Master Regularization: Ridge, Lasso & ElasticNet Explained

Taming the Noise with Regularization and Hyperparameter Tuning

Keywords: Ridge, Lasso, Elastic-net

Introduction

In last part, we built a linear regression model to predict stock returns. We discovered a fundamental truth: simple models often underfit (fail to capture signal), while complex models (like high-degree polynomials) overfit (memorize noise).

In Finance, the “signal-to-noise” ratio is incredibly low. To build robust trading strategies, we need models that are complex enough to learn patterns but constrained enough to ignore random market fluctuation.

This tutorial introduces Regularization: the mathematical art of applying “brakes” to your model’s learning process to prevent overfitting. We will upgrade our Momentum strategy using Ridge, Lasso, and ElasticNet regressions.

Learning Objectives

By the end of this tutorial, you will be able to:

Explain the mathematical difference between Ridge (L2), Lasso (L1), and ElasticNet regularization.
Apply these techniques using scikit-learn to improve out-of-sample performance.
Perform Hyperparameter Tuning using Grid Search with time-series aware validation (TimeSeriesSplit).
Visualize how Lasso regression performs automatic feature selection by zeroing out useless signals.

Prerequisites

Completion of Part 1: You need the dataset and feature engineering logic from the previous article.
Libraries: scikit-learn, pandas, numpy, matplotlib, yfinance.

Core Concepts

1. The Cost Function & The Penalty

In standard Linear Regression (Ordinary Least Squares – OLS), the model minimizes the Mean Squared Error (MSE):

$$\text{Minimize} \sum (\text{Actual} – \text{Predicted})^2$$

Regularization adds a Penalty Term to this equation. The model must now minimize both the error and the size of its coefficients (weights).

2. Ridge Regression (L2 Norm)

Ridge adds a penalty equal to the square of the coefficients:

$$\text{Cost} = \text{MSE} + \alpha \sum \theta_i^2$$

Effect: It shrinks all coefficients towards zero but rarely reaches exactly zero.
Use Case: Good when all features have small effects (e.g., many correlated technical indicators).
Hyperparameter ($\alpha$): Controls strength. If $\alpha=0$, it’s just OLS. If $\alpha$ is huge, the model becomes a flat line.

3. Lasso Regression (L1 Norm)

Lasso adds a penalty equal to the absolute value of the coefficients:

$$\text{Cost} = \text{MSE} + \alpha \sum |\theta_i|$$

Effect: It can force coefficients to be exactly zero.
Use Case: Feature Selection. If you have 100 indicators but only 3 matter, Lasso will automatically delete the other 97 by setting their weights to 0.

4. ElasticNet

A hybrid that combines both L1 and L2 penalties. It is generally the safest bet for financial time series.

The Hands-On Practice

Step 1: Data Preparation (Recap)

We will quickly recreate the dataset from Part 1, but this time we will generate more features (lags 1 to 10) to increase the risk of overfitting, making regularization more necessary.

import numpy as np

import pandas as pd

import yfinance as yf

import matplotlib.pyplot as plt

from sklearn.model_selection import train_test_split, TimeSeriesSplit, GridSearchCV

from sklearn.linear_model import Ridge, Lasso, ElasticNet

from sklearn.metrics import mean_squared_error

# 1. Fetch Data

df = yf.download(‘SPY’, start=‘2010-01-01’, end=‘2026-01-01′)

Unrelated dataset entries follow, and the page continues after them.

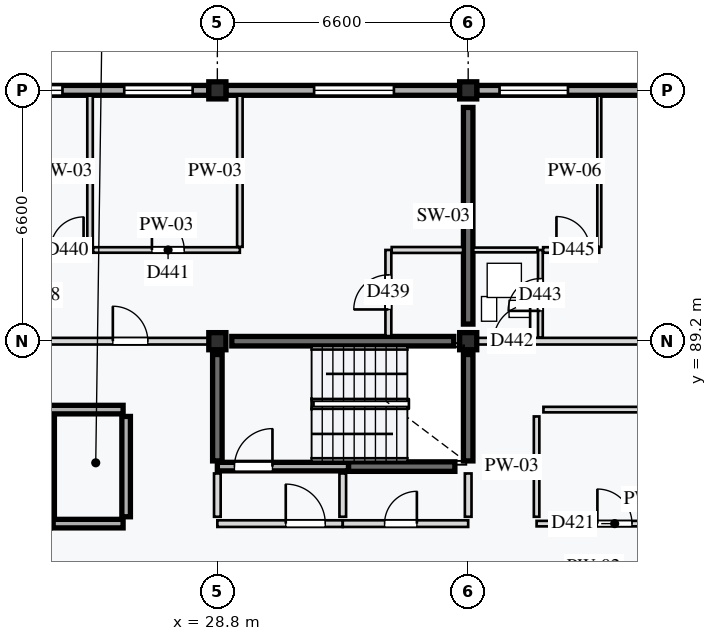
"""IFC4 building model, lengths in metres.
Left out: names, types, materials, properties, quantities, classifications, styles, units other than length and angle.
Written with IfcOpenShell. Run it as: python <this file> out.ifc"""

import sys

from ifc_helpers import new_model, si_unit, direction, frame, frame_2d, origin, origin_2d, place, context, subcontext, project, spatial, rectangle, extrude, element, fill, save


model = new_model("IFC4")
c1 = context("Model", 3, precision=1e-05, world=origin(), true_north=direction((0.0, 1.0)))
c2 = subcontext(c1, "Body", "Model", "MODEL_VIEW")
j1 = project(units=[si_unit("LENGTHUNIT", "METRE"), si_unit("PLANEANGLEUNIT", "RADIAN")], contexts=[c1])
p1 = place(None, origin())
s1 = spatial("IfcSite", under=j1, at=p1, CompositionType="ELEMENT")
p2 = place(p1, origin())
s2 = spatial("IfcBuilding", under=s1, at=p2, CompositionType="ELEMENT")
p3 = place(p2, frame((0.0, 0.0, 43.6)))
s3 = spatial("IfcBuildingStorey", under=s2, at=p3, CompositionType="ELEMENT", Elevation=43.6)
for number, where, z_axis, x_axis in (
    (1, (28.8, 89.2, 0.0), (0.0, 0.0, 1.0), (1.0, 0.0, 0.0)),
    (2, (28.8, 95.8, 0.0), (0.0, 0.0, 1.0), (1.0, 0.0, 0.0)),
    (3, (35.4, 89.2, 0.0), (0.0, 0.0, 1.0), (1.0, 0.0, 0.0)),
    (4, (35.4, 95.8, 0.0), (0.0, 0.0, 1.0), (1.0, 0.0, 0.0)),
):
    element("IfcColumn", number, at=place(p3, frame(where, z_axis=z_axis, x_axis=x_axis)), inside=s3, PredefinedType="COLUMN", context=c2, shape_type="SweptSolid", body=[
        extrude(rectangle(XDim=0.45, YDim=0.45, at=origin_2d()), origin(), (0.0, 0.0, 1.0), 3.2),
    ])
p4 = place(p3, frame((29.18, 89.2, 0.0), z_axis=(0.0, 0.0, 1.0), x_axis=(1.0, 0.0, 0.0)))
e5 = element("IfcWall", 5, at=p4, inside=s3, PredefinedType="SHEAR", context=c2, shape_type="SweptSolid", body=[
    extrude(rectangle(XDim=5.84, YDim=0.25, at=frame_2d((2.92, 0.0))), origin(), (0.0, 0.0, 1.0), 2.98),
])
for number, where, z_axis, x_axis in (
    (6, (32.25, 85.9, 0.0), (0.0, 0.0, 1.0), (1.0, 0.0, 0.0)),
    (7, (28.8, 86.05, 0.0), (0.0, 0.0, 1.0), (0.0, 1.0, 0.0)),
    (8, (35.4, 86.05, 0.0), (0.0, 0.0, 1.0), (0.0, 1.0, 0.0)),
):
    element("IfcWall", number, at=place(p3, frame(where, z_axis=z_axis, x_axis=x_axis)), inside=s3, PredefinedType="SHEAR", context=c2, shape_type="SweptSolid", body=[
        extrude(rectangle(XDim=2.8, YDim=0.25, at=frame_2d((1.4, 0.0))), origin(), (0.0, 0.0, 1.0), 2.98),
    ])
p5 = place(p3, frame((35.4, 89.65, 0.0), z_axis=(0.0, 0.0, 1.0), x_axis=(0.0, 1.0, 0.0)))
e9 = element("IfcWall", 9, at=p5, inside=s3, PredefinedType="SHEAR", context=c2, shape_type="SweptSolid", body=[
    extrude(rectangle(XDim=5.7, YDim=0.25, at=frame_2d((2.85, 0.0))), origin(), (0.0, 0.0, 1.0), 2.98),
])
p6 = place(p3, frame((22.425, 95.8, 0.0), z_axis=(0.0, 0.0, 1.0), x_axis=(1.0, 0.0, 0.0)))
e10 = element("IfcWall", 10, at=p6, inside=s3, PredefinedType="STANDARD", context=c2, shape_type="SweptSolid", body=[
    extrude(rectangle(XDim=6.15, YDim=0.26, at=frame_2d((3.075, 0.0))), origin(), (0.0, 0.0, 1.0), 2.6),
])
p7 = place(p6, frame((0.5, 0.0, 0.85)))
e11 = element("IfcOpeningElement", 11, at=p7, cuts=e10, PredefinedType="OPENING", context=c2, shape_type="SweptSolid", body=[
    extrude(rectangle(XDim=1.8, YDim=1.35, at=frame_2d((0.9, 0.675))), frame((0.0, 0.14, 0.0), z_axis=(0.0, -1.0, 0.0), x_axis=(1.0, 0.0, 0.0)), (0.0, 0.0, 1.0), 0.28),
])
p8 = place(p6, frame((3.925, 0.0, 0.85)))
e12 = element("IfcOpeningElement", 12, at=p8, cuts=e10, PredefinedType="OPENING", context=c2, shape_type="SweptSolid", body=[
    extrude(rectangle(XDim=1.8, YDim=1.35, at=frame_2d((0.9, 0.675))), frame((0.0, 0.14, 0.0), z_axis=(0.0, -1.0, 0.0), x_axis=(1.0, 0.0, 0.0)), (0.0, 0.0, 1.0), 0.28),
])
p9 = place(p3, frame((29.025, 95.8, 0.0), z_axis=(0.0, 0.0, 1.0), x_axis=(1.0, 0.0, 0.0)))
e13 = element("IfcWall", 13, at=p9, inside=s3, PredefinedType="STANDARD", context=c2, shape_type="SweptSolid", body=[
    extrude(rectangle(XDim=6.15, YDim=0.26, at=frame_2d((3.075, 0.0))), origin(), (0.0, 0.0, 1.0), 2.6),
])
p10 = place(p9, frame((2.321, 0.0, 0.85)))
e14 = element("IfcOpeningElement", 14, at=p10, cuts=e13, PredefinedType="OPENING", context=c2, shape_type="SweptSolid", body=[
    extrude(rectangle(XDim=2.1, YDim=1.55, at=frame_2d((1.05, 0.775))), frame((0.0, 0.14, 0.0), z_axis=(0.0, -1.0, 0.0), x_axis=(1.0, 0.0, 0.0)), (0.0, 0.0, 1.0), 0.28),
])
p11 = place(p3, frame((35.625, 95.8, 0.0), z_axis=(0.0, 0.0, 1.0), x_axis=(1.0, 0.0, 0.0)))
e15 = element("IfcWall", 15, at=p11, inside=s3, PredefinedType="STANDARD", context=c2, shape_type="SweptSolid", body=[
    extrude(rectangle(XDim=6.15, YDim=0.26, at=frame_2d((3.075, 0.0))), origin(), (0.0, 0.0, 1.0), 2.6),
])
p12 = place(p11, frame((0.6, 0.0, 0.85)))
e16 = element("IfcOpeningElement", 16, at=p12, cuts=e15, PredefinedType="OPENING", context=c2, shape_type="SweptSolid", body=[
    extrude(rectangle(XDim=1.8, YDim=1.35, at=frame_2d((0.9, 0.675))), frame((0.0, 0.14, 0.0), z_axis=(0.0, -1.0, 0.0), x_axis=(1.0, 0.0, 0.0)), (0.0, 0.0, 1.0), 0.28),
])
p13 = place(p3, frame((24.48, 84.4, 0.0), z_axis=(0.0, 0.0, 1.0), x_axis=(1.0, 0.0, 0.0)))
e17 = element("IfcWall", 17, at=p13, inside=s3, PredefinedType="STANDARD", context=c2, shape_type="SweptSolid", body=[
    extrude(rectangle(XDim=1.84, YDim=0.225, at=frame_2d((0.92, 0.0))), origin(), (0.0, 0.0, 1.0), 2.98),
])
p14 = place(p3, frame((22.298, 87.4, 0.0), z_axis=(0.0, 0.0, 1.0), x_axis=(1.0, 0.0, 0.0)))
e18 = element("IfcWall", 18, at=p14, inside=s3, PredefinedType="STANDARD", context=c2, shape_type="SweptSolid", body=[
    extrude(rectangle(XDim=4.022, YDim=0.225, at=frame_2d((2.011, 0.0))), origin(), (0.0, 0.0, 1.0), 2.98),
])
for number, where, z_axis, x_axis in (
    (19, (24.4, 84.58, 0.0), (0.0, 0.0, 1.0), (0.0, 1.0, 0.0)),
    (20, (26.4, 84.58, 0.0), (0.0, 0.0, 1.0), (0.0, 1.0, 0.0)),
):
    element("IfcWall", number, at=place(p3, frame(where, z_axis=z_axis, x_axis=x_axis)), inside=s3, PredefinedType="STANDARD", context=c2, shape_type="SweptSolid", body=[
        extrude(rectangle(XDim=2.64, YDim=0.225, at=frame_2d((1.32, 0.0))), origin(), (0.0, 0.0, 1.0), 2.98),
    ])
p15 = place(p3, frame((28.8, 85.9, 0.0), z_axis=(0.0, 0.0, 1.0), x_axis=(1.0, 0.0, 0.0)))
e21 = element("IfcWall", 21, at=p15, inside=s3, PredefinedType="STANDARD", context=c2, shape_type="SweptSolid", body=[
    extrude(rectangle(XDim=3.45, YDim=0.225, at=frame_2d((1.725, 0.0))), origin(), (0.0, 0.0, 1.0), 2.98),
])
p16 = place(p15, frame((0.45, 0.0, 0.0)))
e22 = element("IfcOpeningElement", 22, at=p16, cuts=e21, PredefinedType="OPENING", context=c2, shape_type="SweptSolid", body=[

df[‘Return’] = df[‘Close’].pct_change()

df.dropna(inplace=True)

# 2. Engineer More Features (Lags 1 through 10)

# More features = higher risk of overfitting = better test for Regularization

lags = 10

feature_cols = []

for i in range(1, lags + 1):

col_name = f‘Lag_{i}’

df[col_name] = df[‘Return’].shift(i)

feature_cols.append(col_name)

df.dropna(inplace=True)

X = df[feature_cols]

y = df[‘Return’]

# 3. Split Data (Chronological Split)

X_train, X_test, y_train, y_test = train_test_split(X, y, test_size=0.2, shuffle=False)

print(f“Training Features: {X_train.shape[1]} inputs (Lags 1-10)”)

Step 2: Ridge Regression (Manual Tuning)

Let’s try Ridge regression with an arbitrary alpha value to see it in action.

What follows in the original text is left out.